Personal details
- Born: May 13, 1761 Caroline County, Colony of Virginia, British America
- Died: June 8, 1816 (aged 55) Richmond, Virginia, U.S.
- Resting place: Masonic Cemetery Fredericksburg, Virginia, U.S.
- Spouse(s): Mary Berkeley ​ ​(m. 1786; died 1787)​ Lucy Landon Carter ​(m. 1793)​
- Relations: Matthew Fontaine Maury (grandson) Charles Minor Blackford (grandson)
- Children: 7, including Mary
- Occupation: Politician; lawyer;

= John Minor (politician) =

American lawyer and politician from Virginia (1761–1816)

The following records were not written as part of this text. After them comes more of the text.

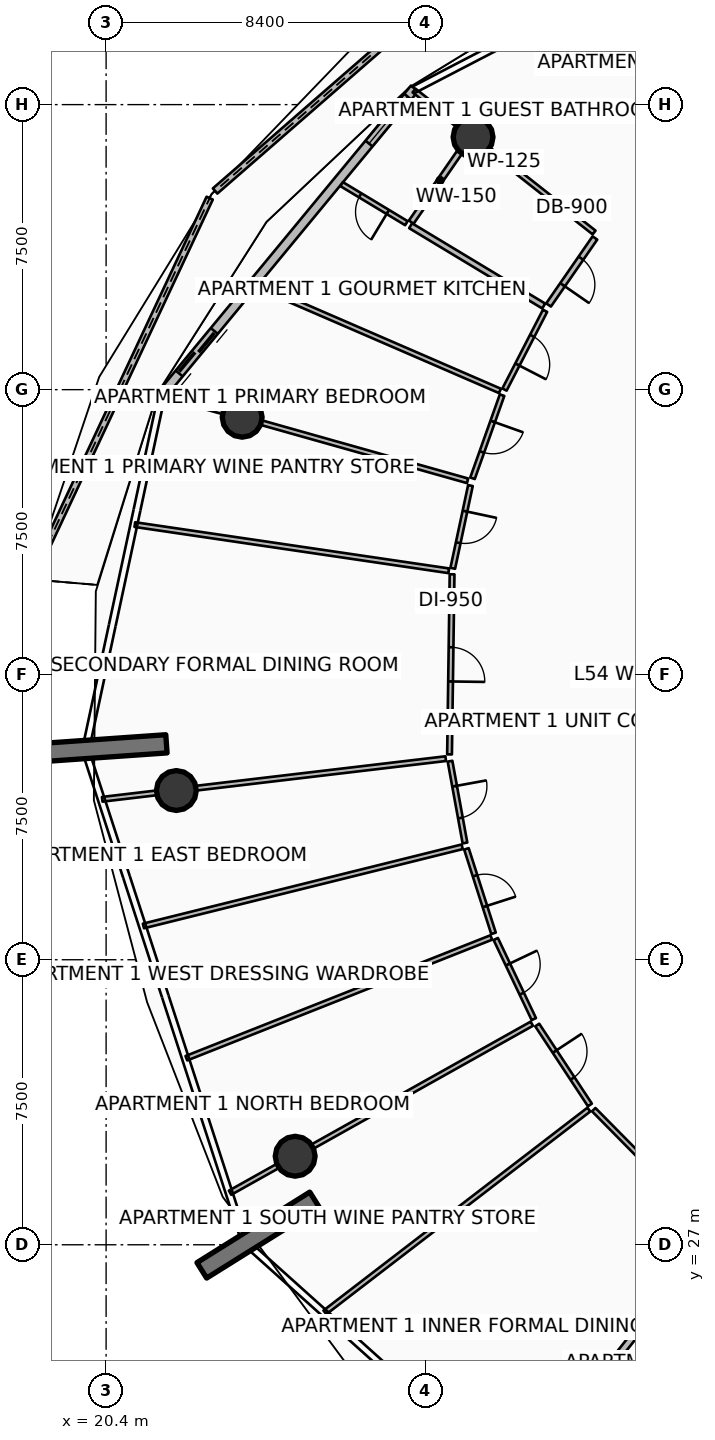
"""IFC4 building model, lengths in metres.
Left out: names, types, materials, properties, quantities, classifications, styles, units other than length and angle.
Written with IfcOpenShell. Run it as: python <this file> out.ifc"""

import sys

from ifc_helpers import new_model, si_unit, direction, frame, frame_2d, origin, origin_2d, place, context, subcontext, project, spatial, polyline, rectangle, circle, outline, extrude, element, fill, save


model = new_model("IFC4")
c1 = context("Model", 3, precision=1e-05, world=origin(), true_north=direction((0.0, 1.0)))
c2 = subcontext(c1, "Body", "Model", "MODEL_VIEW")
j1 = project(units=[si_unit("LENGTHUNIT", "METRE"), si_unit("PLANEANGLEUNIT", "RADIAN")], contexts=[c1])
p1 = place(None, origin())
s1 = spatial("IfcSite", under=j1, at=p1, CompositionType="ELEMENT")
p2 = place(p1, origin())
s2 = spatial("IfcBuilding", under=s1, at=p2, CompositionType="ELEMENT")
p3 = place(p2, frame((0.0, 0.0, 214.05)))
s3 = spatial("IfcBuildingStorey", under=s2, at=p3, CompositionType="ELEMENT", Elevation=214.05)
p4 = place(p3, frame((21.987, 40.181, 0.0), z_axis=(0.0, 0.0, 1.0), x_axis=(-0.997568676264, -0.069690287244, 0.0)))
e1 = element("IfcWall", 1, at=p4, inside=s3, PredefinedType="SOLIDWALL", context=c2, shape_type="SweptSolid", body=[
    extrude(rectangle(XDim=3.5, YDim=0.48, at=frame_2d((1.75, 0.0))), origin(), (0.0, 0.0, 1.0), 3.75),
])
p5 = place(p3, frame((25.886, 28.182, 0.0), z_axis=(0.0, 0.0, 1.0), x_axis=(-0.848033572426, -0.529942506352, 0.0)))
e2 = element("IfcWall", 2, at=p5, inside=s3, PredefinedType="SOLIDWALL", context=c2, shape_type="SweptSolid", body=[
    extrude(rectangle(XDim=3.5, YDim=0.48, at=frame_2d((1.75, 0.0))), origin(), (0.0, 0.0, 1.0), 3.75),
])
for number, where, z_axis, x_axis in (
    (3, (30.056, 56.146, 0.0), (0.0, 0.0, 1.0), (1.0, 0.0, 0.0)),
    (4, (23.98, 48.774, 0.0), (0.0, 0.0, 1.0), (1.0, 0.0, 0.0)),
    (5, (22.248, 38.952, 0.0), (0.0, 0.0, 1.0), (1.0, 0.0, 0.0)),
    (6, (25.375, 29.329, 0.0), (0.0, 0.0, 1.0), (1.0, 0.0, 0.0)),
):
    element("IfcColumn", number, at=place(p3, frame(where, z_axis=z_axis, x_axis=x_axis)), inside=s3, PredefinedType="COLUMN", context=c2, shape_type="SweptSolid", body=[
        extrude(circle(Radius=0.525, at=origin_2d()), origin(), (0.0, 0.0, 1.0), 3.5),
    ])
p6 = place(p3, frame((31.098, 61.546, 0.0), z_axis=(0.0, 0.0, 1.0), x_axis=(-0.754130048188, -0.65672511024, 0.0)))
e7 = element("IfcWall", 7, at=p6, inside=s3, PredefinedType="PARAPET", context=c2, shape_type="SweptSolid", body=[
    extrude(outline(polyline([(0.0, 0.0), (10.384, 0.0), (10.384, 1.148), (5.192, 1.284), (0.0, 1.483), (0.0, 0.0)])), frame((0.0, 0.09, 0.0), z_axis=(0.0, -1.0, 0.0), x_axis=(1.0, 0.0, 0.0)), (0.0, 0.0, 1.0), 0.18),
])
p7 = place(p3, frame((23.126, 54.539, 0.0), z_axis=(0.0, 0.0, 1.0), x_axis=(-0.424187068479, -0.90557458607, 0.0)))
e8 = element("IfcWall", 8, at=p7, inside=s3, PredefinedType="PARAPET", context=c2, shape_type="SweptSolid", body=[
    extrude(outline(polyline([(0.0, 0.0), (11.076, 0.0), (11.076, 1.224), (5.538, 1.127), (0.0, 1.148), (0.0, 0.0)])), frame((0.0, 0.09, 0.0), z_axis=(0.0, -1.0, 0.0), x_axis=(1.0, 0.0, 0.0)), (0.0, 0.0, 1.0), 0.18),
])
p8 = place(p3, frame((28.515, 57.424, 0.0), z_axis=(0.0, 0.0, 1.0), x_axis=(-0.636759394418, -0.771062561418, 0.0)))
e9 = element("IfcWall", 9, at=p8, inside=s3, PredefinedType="SOLIDWALL", context=c2, shape_type="SweptSolid", body=[
    extrude(rectangle(XDim=10.494, YDim=0.24, at=frame_2d((5.247, 0.0))), origin(), (0.0, 0.0, 1.0), 2.45),
])
p9 = place(p8, frame((8.274, 0.0, 0.0)))
e10 = element("IfcOpeningElement", 10, at=p9, cuts=e9, PredefinedType="OPENING", context=c2, shape_type="SweptSolid", body=[
    extrude(rectangle(XDim=1.45, YDim=2.15, at=frame_2d((0.725, 1.075))), frame((0.0, 0.13, 0.0), z_axis=(0.0, -1.0, 0.0), x_axis=(1.0, 0.0, 0.0)), (0.0, 0.0, 1.0), 0.26),
])
p10 = place(p8, frame((0.28, 0.0, 0.65)))
e11 = element("IfcOpeningElement", 11, at=p10, cuts=e9, PredefinedType="OPENING", context=c2, shape_type="SweptSolid", body=[
    extrude(rectangle(XDim=1.6, YDim=1.5, at=frame_2d((0.8, 0.75))), frame((0.0, 0.13, 0.0), z_axis=(0.0, -1.0, 0.0), x_axis=(1.0, 0.0, 0.0)), (0.0, 0.0, 1.0), 0.26),
])
p11 = place(p3, frame((41.113, 33.264, 0.0), z_axis=(0.0, 0.0, 1.0), x_axis=(-0.619089233189, -0.785320648748, 0.0)))
e12 = element("IfcWall", 12, at=p11, inside=s3, PredefinedType="PARTITIONING", context=c2, shape_type="SweptSolid", body=[
    extrude(rectangle(XDim=16.006, YDim=0.18, at=frame_2d((8.003, 0.0))), origin(), (0.0, 0.0, 1.0), 2.94),
])
p12 = place(p3, frame((33.241, 53.635, 0.0), z_axis=(0.0, 0.0, 1.0), x_axis=(-0.785321754625, 0.619087830371, 0.0)))
e13 = element("IfcWall", 13, at=p12, inside=s3, PredefinedType="PARTITIONING", context=c2, shape_type="SweptSolid", body=[
    extrude(rectangle(XDim=6.033, YDim=0.125, at=frame_2d((3.017, 0.0))), origin(), (0.0, 0.0, 1.0), 2.94),
])
p13 = place(p3, frame((33.262, 53.491, 0.0), z_axis=(0.0, 0.0, 1.0), x_axis=(-0.568919673568, -0.822393096413, 0.0)))
e14 = element("IfcWall", 14, at=p13, inside=s3, PredefinedType="PARTITIONING", context=c2, shape_type="SweptSolid", body=[
    extrude(rectangle(XDim=2.143, YDim=0.15, at=frame_2d((1.072, 0.0))), origin(), (0.0, 0.0, 1.0), 2.94),
])
p14 = place(p13, frame((0.646, 0.0, 0.0)))
e15 = element("IfcOpeningElement", 15, at=p14, cuts=e14, PredefinedType="OPENING", context=c2, shape_type="SweptSolid", body=[
    extrude(rectangle(XDim=0.85, YDim=2.06, at=frame_2d((0.425, 1.03))), frame((0.0, 0.085, 0.0), z_axis=(0.0, -1.0, 0.0), x_axis=(1.0, 0.0, 0.0)), (0.0, 0.0, 1.0), 0.17),
])
p15 = place(p3, frame((29.948, 56.104, 0.0), z_axis=(0.0, 0.0, 1.0), x_axis=(-0.568843740651, -0.822445620526, 0.0)))
e16 = element("IfcWall", 16, at=p15, inside=s3, PredefinedType="PARTITIONING", context=c2, shape_type="SweptSolid", body=[
    extrude(rectangle(XDim=2.669, YDim=0.15, at=frame_2d((1.335, 0.0))), origin(), (0.0, 0.0, 1.0), 2.94),
])
p16 = place(p3, frame((31.915, 51.701, 0.0), z_axis=(0.0, 0.0, 1.0), x_axis=(-0.856305556185, 0.516469548422, 0.0)))
e17 = element("IfcWall", 17, at=p16, inside=s3, PredefinedType="PARTITIONING", context=c2, shape_type="SweptSolid", body=[
    extrude(rectangle(XDim=4.09, YDim=0.15, at=frame_2d((2.045, 0.0))), origin(), (0.0, 0.0, 1.0), 2.94),
])
p17 = place(p3, frame((28.302, 53.881, 0.0), z_axis=(0.0, 0.0, 1.0), x_axis=(-0.856354175531, 0.516388929056, 0.0)))
e18 = element("IfcWall", 18, at=p17, inside=s3, PredefinedType="PARTITIONING", context=c2, shape_type="SweptSolid", body=[
    extrude(rectangle(XDim=1.99, YDim=0.125, at=frame_2d((0.995, 0.0))), origin(), (0.0, 0.0, 1.0), 2.94),
])
p18 = place(p17, frame((0.57, 0.0, 0.0)))
e19 = element("IfcOpeningElement", 19, at=p18, cuts=e18, PredefinedType="OPENING", context=c2, shape_type="SweptSolid", body=[
    extrude(rectangle(XDim=0.85, YDim=2.06, at=frame_2d((0.425, 1.03))), frame((0.0, 0.073, 0.0), z_axis=(0.0, -1.0, 0.0), x_axis=(1.0, 0.0, 0.0)), (0.0, 0.0, 1.0), 0.145),
])
p19 = place(p3, frame((30.764, 49.467, 0.0), z_axis=(0.0, 0.0, 1.0), x_axis=(-0.917605566125, 0.397492169755, 0.0)))
e20 = element("IfcWall", 20, at=p19, inside=s3, PredefinedType="PARTITIONING", context=c2, shape_type="SweptSolid", body=[
    extrude(rectangle(XDim=6.955, YDim=0.125, at=frame_2d((3.477, 0.0))), origin(), (0.0, 0.0, 1.0), 2.94),
])
p20 = place(p3, frame((31.951, 51.575, 0.0), z_axis=(0.0, 0.0, 1.0), x_axis=(-0.458029312051, -0.88893708962, 0.0)))
e21 = element("IfcWall", 21, at=p20, inside=s3, PredefinedType="PARTITIONING", context=c2, shape_type="SweptSolid", body=[
    extrude(rectangle(XDim=2.332, YDim=0.125, at=frame_2d((1.166, 0.0))), origin(), (0.0, 0.0, 1.0), 2.94),
])
p21 = place(p20, frame((0.741, 0.0, 0.0)))
e22 = element("IfcOpeningElement", 22, at=p21, cuts=e21, PredefinedType="OPENING", context=c2, shape_type="SweptSolid", body=[
    extrude(rectangle(XDim=0.85, YDim=2.06, at=frame_2d((0.425, 1.03))), frame((0.0, 0.073, 0.0), z_axis=(0.0, -1.0, 0.0), x_axis=(1.0, 0.0, 0.0)), (0.0, 0.0, 1.0), 0.145),
])
p22 = place(p3, frame((30.82, 49.356, 0.0), z_axis=(0.0, 0.0, 1.0), x_axis=(-0.335156966619, -0.942162304344, 0.0)))
e23 = element("IfcWall", 23, at=p22, inside=s3, PredefinedType="PARTITIONING", context=c2, shape_type="SweptSolid", body=[
    extrude(rectangle(XDim=2.322, YDim=0.125, at=frame_2d((1.161, 0.0))), origin(), (0.0, 0.0, 1.0), 2.94),
])
p23 = place(p22, frame((0.736, 0.0, 0.0)))
e24 = element("IfcOpeningElement", 24, at=p23, cuts=e23, PredefinedType="OPENING", context=c2, shape_type="SweptSolid", body=[
    extrude(rectangle(XDim=0.85, YDim=2.06, at=frame_2d((0.425, 1.03))), frame((0.0, 0.073, 0.0), z_axis=(0.0, -1.0, 0.0), x_axis=(1.0, 0.0, 0.0)), (0.0, 0.0, 1.0), 0.145),
])
p24 = place(p3, frame((29.912, 47.101, 0.0), z_axis=(0.0, 0.0, 1.0), x_axis=(-0.962449080254, 0.271462277156, 0.0)))
e25 = element("IfcWall", 25, at=p24, inside=s3, PredefinedType="PARTITIONING", context=c2, shape_type="SweptSolid", body=[
    extrude(rectangle(XDim=8.236, YDim=0.125, at=frame_2d((4.118, 0.0))), origin(), (0.0, 0.0, 1.0), 2.94),
])
p25 = place(p3, frame((29.416, 44.734, 0.0), z_axis=(0.0, 0.0, 1.0), x_axis=(-0.989347742189, 0.145571443031, 0.0)))
e26 = element("IfcWall", 26, at=p25, inside=s3, PredefinedType="PARTITIONING", context=c2, shape_type="SweptSolid", body=[
    extrude(rectangle(XDim=8.349, YDim=0.125, at=frame_2d((4.174, 0.0))), origin(), (0.0, 0.0, 1.0), 2.94),
])
p26 = place(p3, frame((29.987, 46.977, 0.0), z_axis=(0.0, 0.0, 1.0), x_axis=(-0.209004848165, -0.977914604372, 0.0)))
e27 = element("IfcWall", 27, at=p26, inside=s3, PredefinedType="PARTITIONING", context=c2, shape_type="SweptSolid", body=[
    extrude(rectangle(XDim=2.226, YDim=0.125, at=frame_2d((1.113, 0.0))), origin(), (0.0, 0.0, 1.0), 2.94),
])
p27 = place(p26, frame((0.688, 0.0, 0.0)))
e28 = element("IfcOpeningElement", 28, at=p27, cuts=e27, PredefinedType="OPENING", context=c2, shape_type="SweptSolid", body=[
    extrude(rectangle(XDim=0.85, YDim=2.06, at=frame_2d((0.425, 1.03))), frame((0.0, 0.073, 0.0), z_axis=(0.0, -1.0, 0.0), x_axis=(1.0, 0.0, 0.0)), (0.0, 0.0, 1.0), 0.145),
])
p28 = place(p3, frame((29.504, 44.641, 0.0), z_axis=(0.0, 0.0, 1.0), x_axis=(-0.014116482788, -0.999900357493, 0.0)))
e29 = element("IfcWall", 29, at=p28, inside=s3, PredefinedType="PARTITIONING", context=c2, shape_type="SweptSolid", body=[
    extrude(rectangle(XDim=4.739, YDim=0.125, at=frame_2d((2.369, 0.0))), origin(), (0.0, 0.0, 1.0), 2.94),
])
p29 = place(p28, frame((1.919, 0.0, 0.0)))
e30 = element("IfcOpeningElement", 30, at=p29, cuts=e29, PredefinedType="OPENING", context=c2, shape_type="SweptSolid", body=[
    extrude(rectangle(XDim=0.9, YDim=2.08, at=frame_2d((0.45, 1.04))), frame((0.0, 0.073, 0.0), z_axis=(0.0, -1.0, 0.0), x_axis=(1.0, 0.0, 0.0)), (0.0, 0.0, 1.0), 0.145),
])
p30 = place(p3, frame((29.336, 39.791, 0.0), z_axis=(0.0, 0.0, 1.0), x_axis=(-0.99306722244, -0.117547827356, 0.0)))
e31 = element("IfcWall", 31, at=p30, inside=s3, PredefinedType="PARTITIONING", context=c2, shape_type="SweptSolid", body=[
    extrude(rectangle(XDim=9.101, YDim=0.125, at=frame_2d((4.551, 0.0))), origin(), (0.0, 0.0, 1.0), 2.94),
])
p31 = place(p3, frame((29.77, 37.472, 0.0), z_axis=(0.0, 0.0, 1.0), x_axis=(-0.970505283608, -0.241079850857, 0.0)))
e32 = element("IfcWall", 32, at=p31, inside=s3, PredefinedType="PARTITIONING", context=c2, shape_type="SweptSolid", body=[
    extrude(rectangle(XDim=8.643, YDim=0.125, at=frame_2d((4.322, 0.0))), origin(), (0.0, 0.0, 1.0), 2.94),
])
p32 = place(p3, frame((30.535, 35.085, 0.0), z_axis=(0.0, 0.0, 1.0), x_axis=(-0.929776352491, -0.368124889607, 0.0)))
e33 = element("IfcWall", 33, at=p32, inside=s3, PredefinedType="PARTITIONING", context=c2, shape_type="SweptSolid", body=[
    extrude(rectangle(XDim=8.629, YDim=0.125, at=frame_2d((4.314, 0.0))), origin(), (0.0, 0.0, 1.0), 2.94),
])
p33 = place(p3, frame((29.45, 39.724, 0.0), z_axis=(0.0, 0.0, 1.0), x_axis=(0.179671023407, -0.98372675238, 0.0)))
e34 = element("IfcWall", 34, at=p33, inside=s3, PredefinedType="PARTITIONING", context=c2, shape_type="SweptSolid", body=[
    extrude(rectangle(XDim=2.188, YDim=0.125, at=frame_2d((1.094, 0.0))), origin(), (0.0, 0.0, 1.0), 2.94),
])
p34 = place(p33, frame((0.669, 0.0, 0.0)))
e35 = element("IfcOpeningElement", 35, at=p34, cuts=e34, PredefinedType="OPENING", context=c2, shape_type="SweptSolid", body=[
    extrude(rectangle(XDim=0.85, YDim=2.06, at=frame_2d((0.425, 1.03))), frame((0.0, 0.073, 0.0), z_axis=(0.0, -1.0, 0.0), x_axis=(1.0, 0.0, 0.0)), (0.0, 0.0, 1.0), 0.145),
])
p35 = place(p3, frame((29.882, 37.417, 0.0), z_axis=(0.0, 0.0, 1.0), x_axis=(0.305348810802, -0.952240570309, 0.0)))
e36 = element("IfcWall", 36, at=p35, inside=s3, PredefinedType="PARTITIONING", context=c2, shape_type="SweptSolid", body=[
    extrude(rectangle(XDim=2.334, YDim=0.125, at=frame_2d((1.167, 0.0))), origin(), (0.0, 0.0, 1.0), 2.94),
])
p36 = place(p35, frame((0.742, 0.0, 0.0)))
e37 = element("IfcOpeningElement", 37, at=p36, cuts=e36, PredefinedType="OPENING", context=c2, shape_type="SweptSolid", body=[
    extrude(rectangle(XDim=0.85, YDim=2.06, at=frame_2d((0.425, 1.03))), frame((0.0, 0.073, 0.0), z_axis=(0.0, -1.0, 0.0), x_axis=(1.0, 0.0, 0.0)), (0.0, 0.0, 1.0), 0.145),
])
p37 = place(p3, frame((30.653, 35.046, 0.0), z_axis=(0.0, 0.0, 1.0), x_axis=(0.429385363207, -0.903121370506, 0.0)))
e38 = element("IfcWall", 38, at=p37, inside=s3, PredefinedType="PARTITIONING", context=c2, shape_type="SweptSolid", body=[
    extrude(rectangle(XDim=2.334, YDim=0.125, at=frame_2d((1.167, 0.0))), origin(), (0.0, 0.0, 1.0), 2.94),
])
p38 = place(p37, frame((0.742, 0.0, 0.0)))
e39 = element("IfcOpeningElement", 39, at=p38, cuts=e38, PredefinedType="OPENING", context=c2, shape_type="SweptSolid", body=[
    extrude(rectangle(XDim=0.85, YDim=2.06, at=frame_2d((0.425, 1.03))), frame((0.0, 0.073, 0.0), z_axis=(0.0, -1.0, 0.0), x_axis=(1.0, 0.0, 0.0)), (0.0, 0.0, 1.0), 0.145),
])
p39 = place(p3, frame((31.602, 32.817, 0.0), z_axis=(0.0, 0.0, 1.0), x_axis=(-0.872494579812, -0.488623790047, 0.0)))
e40 = element("IfcWall", 40, at=p39, inside=s3, PredefinedType="PARTITIONING", context=c2, shape_type="SweptSolid", body=[
    extrude(rectangle(XDim=9.101, YDim=0.125, at=frame_2d((4.551, 0.0))), origin(), (0.0, 0.0, 1.0), 2.94),
])
p40 = place(p3, frame((33.104, 30.557, 0.0), z_axis=(0.0, 0.0, 1.0), x_axis=(-0.793029985802, -0.609182601212, 0.0)))
e41 = element("IfcWall", 41, at=p40, inside=s3, PredefinedType="PARTITIONING", context=c2, shape_type="SweptSolid", body=[
    extrude(rectangle(XDim=8.759, YDim=0.125, at=frame_2d((4.38, 0.0))), origin(), (0.0, 0.0, 1.0), 2.94),
])
p41 = place(p3, frame((31.745, 32.782, 0.0), z_axis=(0.0, 0.0, 1.0), x_axis=(0.550331787139, -0.834946060572, 0.0)))
e42 = element("IfcWall", 42, at=p41, inside=s3, PredefinedType="PARTITIONING", context=c2, shape_type="SweptSolid", body=[
    extrude(rectangle(XDim=2.519, YDim=0.125, at=frame_2d((1.26, 0.0))), origin(), (0.0, 0.0, 1.0), 2.94),
])
p42 = place(p41, frame((0.835, 0.0, 0.0)))
e43 = element("IfcOpeningElement", 43, at=p42, cuts=e42, PredefinedType="OPENING", context=c2, shape_type="SweptSolid", body=[
    extrude(rectangle(XDim=0.85, YDim=2.06, at=frame_2d((0.425, 1.03))), frame((0.0, 0.073, 0.0), z_axis=(0.0, -1.0, 0.0), x_axis=(1.0, 0.0, 0.0)), (0.0, 0.0, 1.0), 0.145),
])
p43 = place(p3, frame((33.231, 30.555, 0.0), z_axis=(0.0, 0.0, 1.0), x_axis=(0.702646714281, -0.711538892057, 0.0)))
e44 = element("IfcWall", 44, at=p43, inside=s3, PredefinedType="PARTITIONING", context=c2, shape_type="SweptSolid", body=[
    extrude(rectangle(XDim=4.448, YDim=0.125, at=frame_2d((2.224, 0.0))), origin(), (0.0, 0.0, 1.0), 2.94),
])
p44 = place(p43, frame((1.774, 0.0, 0.0)))
e45 = element("IfcOpeningElement", 45, at=p44, cuts=e44, PredefinedType="OPENING", context=c2, shape_type="SweptSolid", body=[
    extrude(rectangle(XDim=0.9, YDim=2.08, at=frame_2d((0.45, 1.04))), frame((0.0, 0.073, 0.0), z_axis=(0.0, -1.0, 0.0), x_axis=(1.0, 0.0, 0.0)), (0.0, 0.0, 1.0), 0.145),
])
p45 = place(p9, origin())
e46 = element("IfcDoor", 46, at=p45, inside=s3, OperationType="DOUBLE_DOOR_SLIDING", PredefinedType="DOOR", context=c2, shape_type="SweptSolid", body=[
    extrude(rectangle(XDim=1.45, YDim=2.15, at=frame_2d((0.725, 1.075))), frame((0.0, 0.025, 0.0), z_axis=(0.0, -1.0, 0.0), x_axis=(1.0, 0.0, 0.0)), (0.0, 0.0, 1.0), 0.05),
])
fill(e10, e46)
p46 = place(p10, origin())
e47 = element("IfcWindow", 47, at=p46, inside=s3, PartitioningType="SINGLE_PANEL", PredefinedType="WINDOW", context=c2, shape_type="SweptSolid", body=[
    extrude(rectangle(XDim=1.6, YDim=1.5, at=frame_2d((0.8, 0.75))), frame((0.0, 0.03, 0.0), z_axis=(0.0, -1.0, 0.0), x_axis=(1.0, 0.0, 0.0)), (0.0, 0.0, 1.0), 0.06),
])
fill(e11, e47)
p47 = place(p14, origin())
e48 = element("IfcDoor", 48, at=p47, inside=s3, OperationType="SINGLE_SWING_RIGHT", PredefinedType="DOOR", context=c2, shape_type="SweptSolid", body=[
    extrude(rectangle(XDim=0.85, YDim=2.06, at=frame_2d((0.425, 1.03))), frame((0.0, 0.025, 0.0), z_axis=(0.0, -1.0, 0.0), x_axis=(1.0, 0.0, 0.0)), (0.0, 0.0, 1.0), 0.05),
])
fill(e15, e48)
p48 = place(p18, origin())
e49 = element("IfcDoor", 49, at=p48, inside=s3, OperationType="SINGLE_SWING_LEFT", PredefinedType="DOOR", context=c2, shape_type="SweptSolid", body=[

John Minor Jr. (May 13, 1761 – June 8, 1816) was an American politician and lawyer from Virginia. He served in the Virginia House of Delegates.

==Early life==
John Minor Jr. was born on May 13, 1761, at Topping Castle in Caroline County, Virginia, to John Minor. His grandfather John Minor was justice of the peace in Spotsylvania County.

==Career==
Minor was the first commonwealth's attorney for Fredericksburg. He served in the Virginia House of Delegates. In the 1770s or 1780s, he proposed a bill in the Virginia General Assembly for the emancipation of slaves. He was a presidential elector during James Monroe's election.

Minor served as a soldier in the Continental Army during the American Revolutionary War. He attained the rank of general while serving in the War of 1812. He was a slave owner.

==Personal life==
Minor married Mary Berkeley, daughter of Nelson Berkeley, of Airwell, Hanover County, Virginia, in February 1786. His wife died in 1787. He married Lucy Landon Carter, daughter of Landon Carter, of Cleve, King George County, Virginia, on December 12, 1793. They had seven children, including Lucian, Mary Berkeley, Lancelot Byrd and John. His grandsons were Matthew Fontaine Maury and Charles Minor Blackford. He lived at Hazel Hill on Princess Anne Street in Fredericksburg. He was friends with James Monroe.

Minor died on June 8, 1816, in Richmond. He was interred at the family burial ground at Hazel Hill (Sligo). He was reinterred at the Masonic Cemetery in Fredericksburg on December 29, 1855.